Questions Cloze - ufal/NPFL095 GitHub Wiki

Propose at least one PVP for a task of predicting the age range of the author of a given text (possible ranges being 15-25, 25-55, 55+).
Imagine a task as in the "Mia likes pie" example, i.e. a binary classification with labels y0 = contradiction, y1 = no contradiction. Let's have an unlabeled example x=(Mia likes apples, Mia hates apples) and three models M_p1, M_p2 and M_p3 (fine-tuned on PVPs p1, p2 and p3, respectively):

M_p1(v1(y0)|P1(x)) = 8
M_p1(v1(y1)|P1(x)) = 5
accuracy(p1) = 0.5

M_p2(v2(y0)|P2(x)) = 2 
M_p2(v2(y1)|P2(x)) = 1
accuracy(p2) = 0.4

M_p3(v3(y0)|P3(x)) = 20 
M_p3(v3(y1)|P3(x)) = 30
accuracy(p3) = 0.1

The training set T_C will include a pair (x, q). What is q for the weighted and for the uniform PET?

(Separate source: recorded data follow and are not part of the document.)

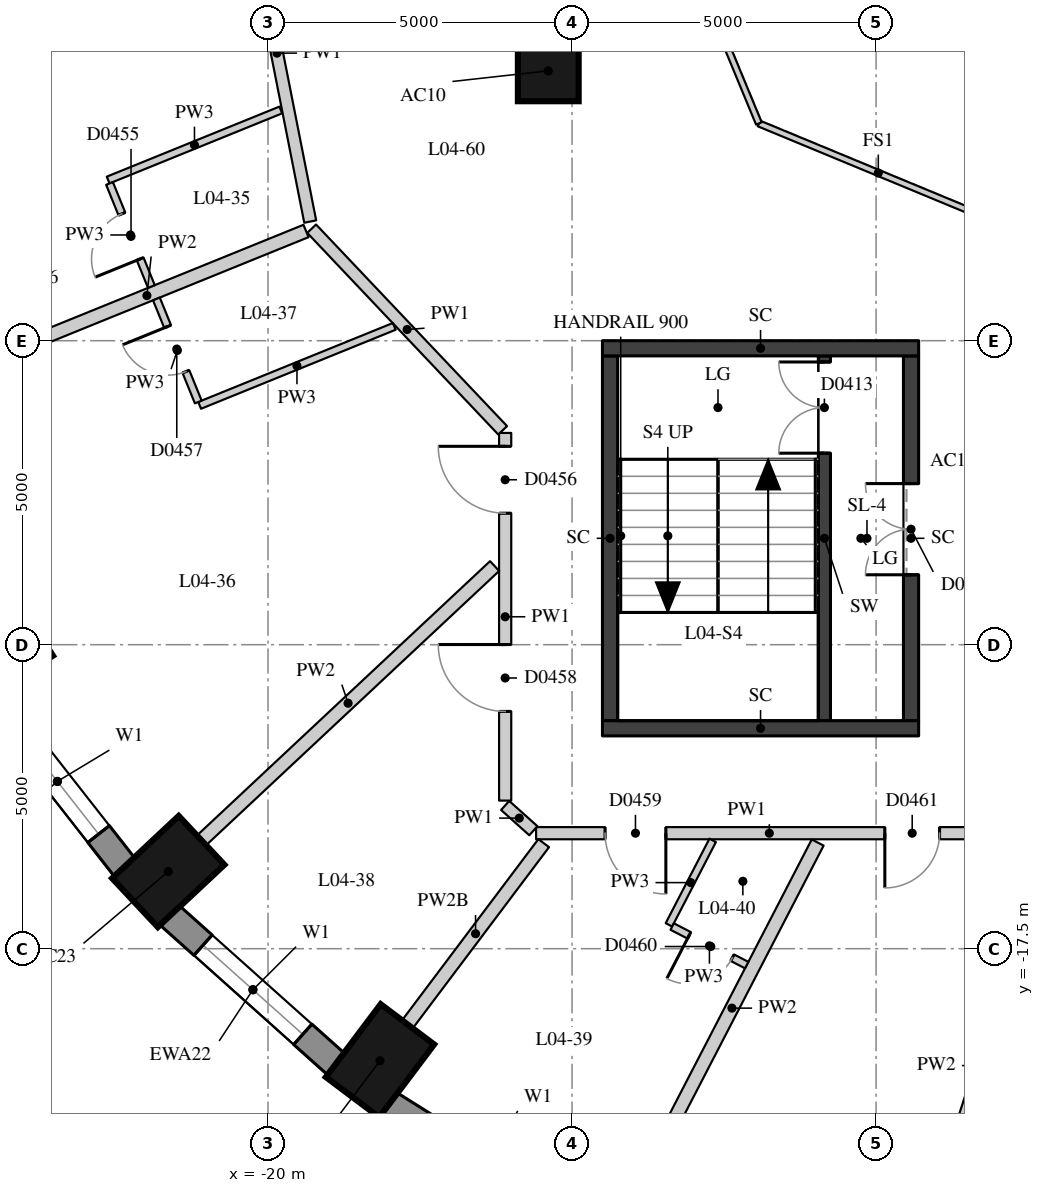
"""IFC4 building model, lengths in metres.
Left out: names, types, materials, properties, quantities, classifications, styles, units other than length and angle.
Written with IfcOpenShell. Run it as: python <this file> out.ifc"""

import sys

from ifc_helpers import new_model, si_unit, direction, frame, frame_2d, origin, origin_2d, place, context, subcontext, project, spatial, rectangle, extrude, element, fill, save


model = new_model("IFC4")
c1 = context("Model", 3, precision=1e-05, world=origin(), true_north=direction((0.0, 1.0)))
c2 = subcontext(c1, "Body", "Model", "MODEL_VIEW")
j1 = project(units=[si_unit("LENGTHUNIT", "METRE"), si_unit("PLANEANGLEUNIT", "RADIAN")], contexts=[c1])
p1 = place(None, origin())
s1 = spatial("IfcSite", under=j1, at=p1, CompositionType="ELEMENT")
p2 = place(p1, origin())
s2 = spatial("IfcBuilding", under=s1, at=p2, CompositionType="ELEMENT")
p3 = place(p2, frame((0.0, 0.0, 21.7)))
s3 = spatial("IfcBuildingStorey", under=s2, at=p3, CompositionType="ELEMENT", Elevation=21.7)
for number, where, z_axis, x_axis in (
    (1, (-24.465, -12.625, 0.0), (0.0, 0.0, 1.0), (-0.841, -0.541, 0.0)),
    (2, (-21.641, -16.23, 0.0), (0.0, 0.0, 1.0), (-0.73, -0.683, 0.0)),
    (3, (-18.159, -19.343, 0.0), (0.0, 0.0, 1.0), (-0.601, -0.799, 0.0)),
):
    element("IfcColumn", number, at=place(p3, frame(where, z_axis=z_axis, x_axis=x_axis)), inside=s3, PredefinedType="COLUMN", context=c2, shape_type="SweptSolid", body=[
        extrude(rectangle(XDim=1.5, YDim=1.1, at=origin_2d()), origin(), (0.0, 0.0, 1.0), 3.3),
    ])
p4 = place(p3, frame((-15.391, -3.062, 0.0), z_axis=(0.0, 0.0, 1.0), x_axis=(1.0, 0.0, 0.0)))
e4 = element("IfcColumn", 4, at=p4, inside=s3, PredefinedType="COLUMN", context=c2, shape_type="SweptSolid", body=[
    extrude(rectangle(XDim=1.0, YDim=1.0, at=origin_2d()), origin(), (0.0, 0.0, 1.0), 3.3),
])
p5 = place(p3, frame((-24.578, -13.328, 0.0), z_axis=(0.0, 0.0, 1.0), x_axis=(0.616661975264, -0.787228053529, 0.0)))
e5 = element("IfcWall", 5, at=p5, inside=s3, PredefinedType="SOLIDWALL", context=c2, shape_type="SweptSolid", body=[
    extrude(rectangle(XDim=3.61, YDim=0.45, at=frame_2d((1.805, 0.0))), origin(), (0.0, 0.0, 1.0), 3.02),
])
p6 = place(p5, frame((0.705, 0.0, 0.4)))
e6 = element("IfcOpeningElement", 6, at=p6, cuts=e5, PredefinedType="OPENING", context=c2, shape_type="SweptSolid", body=[
    extrude(rectangle(XDim=2.2, YDim=1.75, at=frame_2d((1.1, 0.875))), frame((0.0, 0.235, 0.0), z_axis=(0.0, -1.0, 0.0), x_axis=(1.0, 0.0, 0.0)), (0.0, 0.0, 1.0), 0.47),
])
p7 = place(p3, frame((-21.627, -16.943, 0.0), z_axis=(0.0, 0.0, 1.0), x_axis=(0.745526233716, -0.66647628228, 0.0)))
e7 = element("IfcWall", 7, at=p7, inside=s3, PredefinedType="SOLIDWALL", context=c2, shape_type="SweptSolid", body=[
    extrude(rectangle(XDim=3.697, YDim=0.45, at=frame_2d((1.848, 0.0))), origin(), (0.0, 0.0, 1.0), 3.02),
])
p8 = place(p7, frame((0.749, 0.0, 0.4)))
e8 = element("IfcOpeningElement", 8, at=p8, cuts=e7, PredefinedType="OPENING", context=c2, shape_type="SweptSolid", body=[
    extrude(rectangle(XDim=2.2, YDim=1.75, at=frame_2d((1.1, 0.875))), frame((0.0, 0.235, 0.0), z_axis=(0.0, -1.0, 0.0), x_axis=(1.0, 0.0, 0.0)), (0.0, 0.0, 1.0), 0.47),
])
p9 = place(p3, frame((-18.023, -20.044, 0.0), z_axis=(0.0, 0.0, 1.0), x_axis=(0.847635480093, -0.530579016629, 0.0)))
e9 = element("IfcWall", 9, at=p9, inside=s3, PredefinedType="SOLIDWALL", context=c2, shape_type="SweptSolid", body=[
    extrude(rectangle(XDim=3.782, YDim=0.45, at=frame_2d((1.891, 0.0))), origin(), (0.0, 0.0, 1.0), 3.02),
])
p10 = place(p9, frame((0.791, 0.0, 0.4)))
e10 = element("IfcOpeningElement", 10, at=p10, cuts=e9, PredefinedType="OPENING", context=c2, shape_type="SweptSolid", body=[
    extrude(rectangle(XDim=2.2, YDim=1.75, at=frame_2d((1.1, 0.875))), frame((0.0, 0.235, 0.0), z_axis=(0.0, -1.0, 0.0), x_axis=(1.0, 0.0, 0.0)), (0.0, 0.0, 1.0), 0.47),
])
p11 = place(p3, frame((-10.85, -13.75, 0.0), z_axis=(0.0, 0.0, 1.0), x_axis=(0.0, 1.0, 0.0)))
e11 = element("IfcWall", 11, at=p11, inside=s3, PredefinedType="SHEAR", context=c2, shape_type="SweptSolid", body=[
    extrude(rectangle(XDim=6.0, YDim=0.2, at=frame_2d((3.0, 0.0))), origin(), (0.0, 0.0, 1.0), 3.02),
])
p12 = place(p11, frame((4.4, 0.0, 0.0)))
e12 = element("IfcOpeningElement", 12, at=p12, cuts=e11, PredefinedType="OPENING", context=c2, shape_type="SweptSolid", body=[
    extrude(rectangle(XDim=1.5, YDim=2.1, at=frame_2d((0.75, 1.05))), frame((0.0, 0.11, 0.0), z_axis=(0.0, -1.0, 0.0), x_axis=(1.0, 0.0, 0.0)), (0.0, 0.0, 1.0), 0.22),
])
p13 = place(p3, frame((-14.375, -13.75, -0.28), z_axis=(0.0, 0.0, 1.0), x_axis=(0.0, 1.0, 0.0)))
e13 = element("IfcWall", 13, at=p13, inside=s3, PredefinedType="SHEAR", context=c2, shape_type="SweptSolid", body=[
    extrude(rectangle(XDim=6.0, YDim=0.25, at=frame_2d((3.0, 0.0))), origin(), (0.0, 0.0, 1.0), 3.3),
])
p14 = place(p3, frame((-9.425, -13.75, -0.28), z_axis=(0.0, 0.0, 1.0), x_axis=(0.0, 1.0, 0.0)))
e14 = element("IfcWall", 14, at=p14, inside=s3, PredefinedType="SHEAR", context=c2, shape_type="SweptSolid", body=[
    extrude(rectangle(XDim=6.0, YDim=0.25, at=frame_2d((3.0, 0.0))), origin(), (0.0, 0.0, 1.0), 3.3),
])
p15 = place(p14, frame((2.4, 0.0, 0.28)))
e15 = element("IfcOpeningElement", 15, at=p15, cuts=e14, PredefinedType="OPENING", context=c2, shape_type="SweptSolid", body=[
    extrude(rectangle(XDim=1.5, YDim=2.1, at=frame_2d((0.75, 1.05))), frame((0.0, 0.135, 0.0), z_axis=(0.0, -1.0, 0.0), x_axis=(1.0, 0.0, 0.0)), (0.0, 0.0, 1.0), 0.27),
])
for number, where, z_axis, x_axis in (
    (16, (-14.5, -7.625, -0.28), (0.0, 0.0, 1.0), (1.0, 0.0, 0.0)),
    (17, (-14.5, -13.875, -0.28), (0.0, 0.0, 1.0), (1.0, 0.0, 0.0)),
):
    element("IfcWall", number, at=place(p3, frame(where, z_axis=z_axis, x_axis=x_axis)), inside=s3, PredefinedType="SHEAR", context=c2, shape_type="SweptSolid", body=[
        extrude(rectangle(XDim=5.2, YDim=0.25, at=frame_2d((2.6, 0.0))), origin(), (0.0, 0.0, 1.0), 3.3),
    ])
p16 = place(p3, frame((-7.92, -15.6, 0.0), z_axis=(0.0, 0.0, 1.0), x_axis=(-1.0, 0.0, 0.0)))
e18 = element("IfcWall", 18, at=p16, inside=s3, PredefinedType="PARTITIONING", context=c2, shape_type="SweptSolid", body=[
    extrude(rectangle(XDim=7.672, YDim=0.2, at=frame_2d((3.836, 0.0))), origin(), (0.0, 0.0, 1.0), 3.02),
])
p17 = place(p16, frame((5.537, 0.0, 0.0)))
e19 = element("IfcOpeningElement", 19, at=p17, cuts=e18, PredefinedType="OPENING", context=c2, shape_type="SweptSolid", body=[
    extrude(rectangle(XDim=1.0, YDim=2.1, at=frame_2d((0.5, 1.05))), frame((0.0, 0.11, 0.0), z_axis=(0.0, -1.0, 0.0), x_axis=(1.0, 0.0, 0.0)), (0.0, 0.0, 1.0), 0.22),
])
p18 = place(p16, frame((1.036, 0.0, 0.0)))
e20 = element("IfcOpeningElement", 20, at=p18, cuts=e18, PredefinedType="OPENING", context=c2, shape_type="SweptSolid", body=[
    extrude(rectangle(XDim=0.9, YDim=2.1, at=frame_2d((0.45, 1.05))), frame((0.0, 0.11, 0.0), z_axis=(0.0, -1.0, 0.0), x_axis=(1.0, 0.0, 0.0)), (0.0, 0.0, 1.0), 0.22),
])
p19 = place(p3, frame((-15.636, -15.56, 0.0), z_axis=(0.0, 0.0, 1.0), x_axis=(-0.744656758283, 0.667447610187, 0.0)))
e21 = element("IfcWall", 21, at=p19, inside=s3, PredefinedType="PARTITIONING", context=c2, shape_type="SweptSolid", body=[
    extrude(rectangle(XDim=0.623, YDim=0.2, at=frame_2d((0.312, 0.0))), origin(), (0.0, 0.0, 1.0), 3.02),
])
p20 = place(p3, frame((-16.1, -15.064, 0.0), z_axis=(0.0, 0.0, 1.0), x_axis=(0.0, 1.0, 0.0)))
e22 = element("IfcWall", 22, at=p20, inside=s3, PredefinedType="PARTITIONING", context=c2, shape_type="SweptSolid", body=[
    extrude(rectangle(XDim=6.047, YDim=0.2, at=frame_2d((3.023, 0.0))), origin(), (0.0, 0.0, 1.0), 3.02),
])
p21 = place(p20, frame((4.727, 0.0, 0.0)))
e23 = element("IfcOpeningElement", 23, at=p21, cuts=e22, PredefinedType="OPENING", context=c2, shape_type="SweptSolid", body=[
    extrude(rectangle(XDim=1.1, YDim=2.1, at=frame_2d((0.55, 1.05))), frame((0.0, 0.11, 0.0), z_axis=(0.0, -1.0, 0.0), x_axis=(1.0, 0.0, 0.0)), (0.0, 0.0, 1.0), 0.22),
])
p22 = place(p20, frame((1.467, 0.0, 0.0)))
e24 = element("IfcOpeningElement", 24, at=p22, cuts=e22, PredefinedType="OPENING", context=c2, shape_type="SweptSolid", body=[
    extrude(rectangle(XDim=1.1, YDim=2.1, at=frame_2d((0.55, 1.05))), frame((0.0, 0.11, 0.0), z_axis=(0.0, -1.0, 0.0), x_axis=(1.0, 0.0, 0.0)), (0.0, 0.0, 1.0), 0.22),
])
p23 = place(p3, frame((-16.141, -8.974, 0.0), z_axis=(0.0, 0.0, 1.0), x_axis=(-0.687741683024, 0.725955492735, 0.0)))
e25 = element("IfcWall", 25, at=p23, inside=s3, PredefinedType="PARTITIONING", context=c2, shape_type="SweptSolid", body=[
    extrude(rectangle(XDim=4.568, YDim=0.2, at=frame_2d((2.284, 0.0))), origin(), (0.0, 0.0, 1.0), 3.02),
])
p24 = place(p3, frame((-19.306, -5.541, 0.0), z_axis=(0.0, 0.0, 1.0), x_axis=(-0.193671356151, 0.981066463501, 0.0)))
e26 = element("IfcWall", 26, at=p24, inside=s3, PredefinedType="PARTITIONING", context=c2, shape_type="SweptSolid", body=[
    extrude(rectangle(XDim=5.647, YDim=0.2, at=frame_2d((2.824, 0.0))), origin(), (0.0, 0.0, 1.0), 3.02),
])
p25 = place(p3, frame((-24.608, -7.82, 0.0), z_axis=(0.0, 0.0, 1.0), x_axis=(0.926565467624, 0.376133532415, 0.0)))
e27 = element("IfcWall", 27, at=p25, inside=s3, PredefinedType="PARTITIONING", context=c2, shape_type="SweptSolid", body=[
    extrude(rectangle(XDim=5.648, YDim=0.22, at=frame_2d((2.824, 0.0))), origin(), (0.0, 0.0, 1.0), 3.02),
])
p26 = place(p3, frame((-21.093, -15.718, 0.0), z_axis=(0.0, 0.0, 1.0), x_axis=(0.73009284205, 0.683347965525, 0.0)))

What is the difference between PML and MLM (both in general and how they are used in the paper)?
Explain why and how distillation is beneficial in PET and in iPET.
Read the last sentence of Section 3.2. Why not training directly on each x in D? Why never asking the LM to predict the masked slot?

Two bonus questions

The paper shows how PET can be used for Sentiment Analysis (Yelp restaurant rating), Text Classification (AG's News, Yahoo) and Natural Language Inference (MNLI). Can it be used also for Question Answering, Next Sentence Prediction (see the BERT paper for definitions) and Summarization? If yes, how?
PET/iPET leverages knowledge from additional unsupervised data that seems to differ from what a normal MLM learns. What would you suppose PET is learning that an MLM isn't?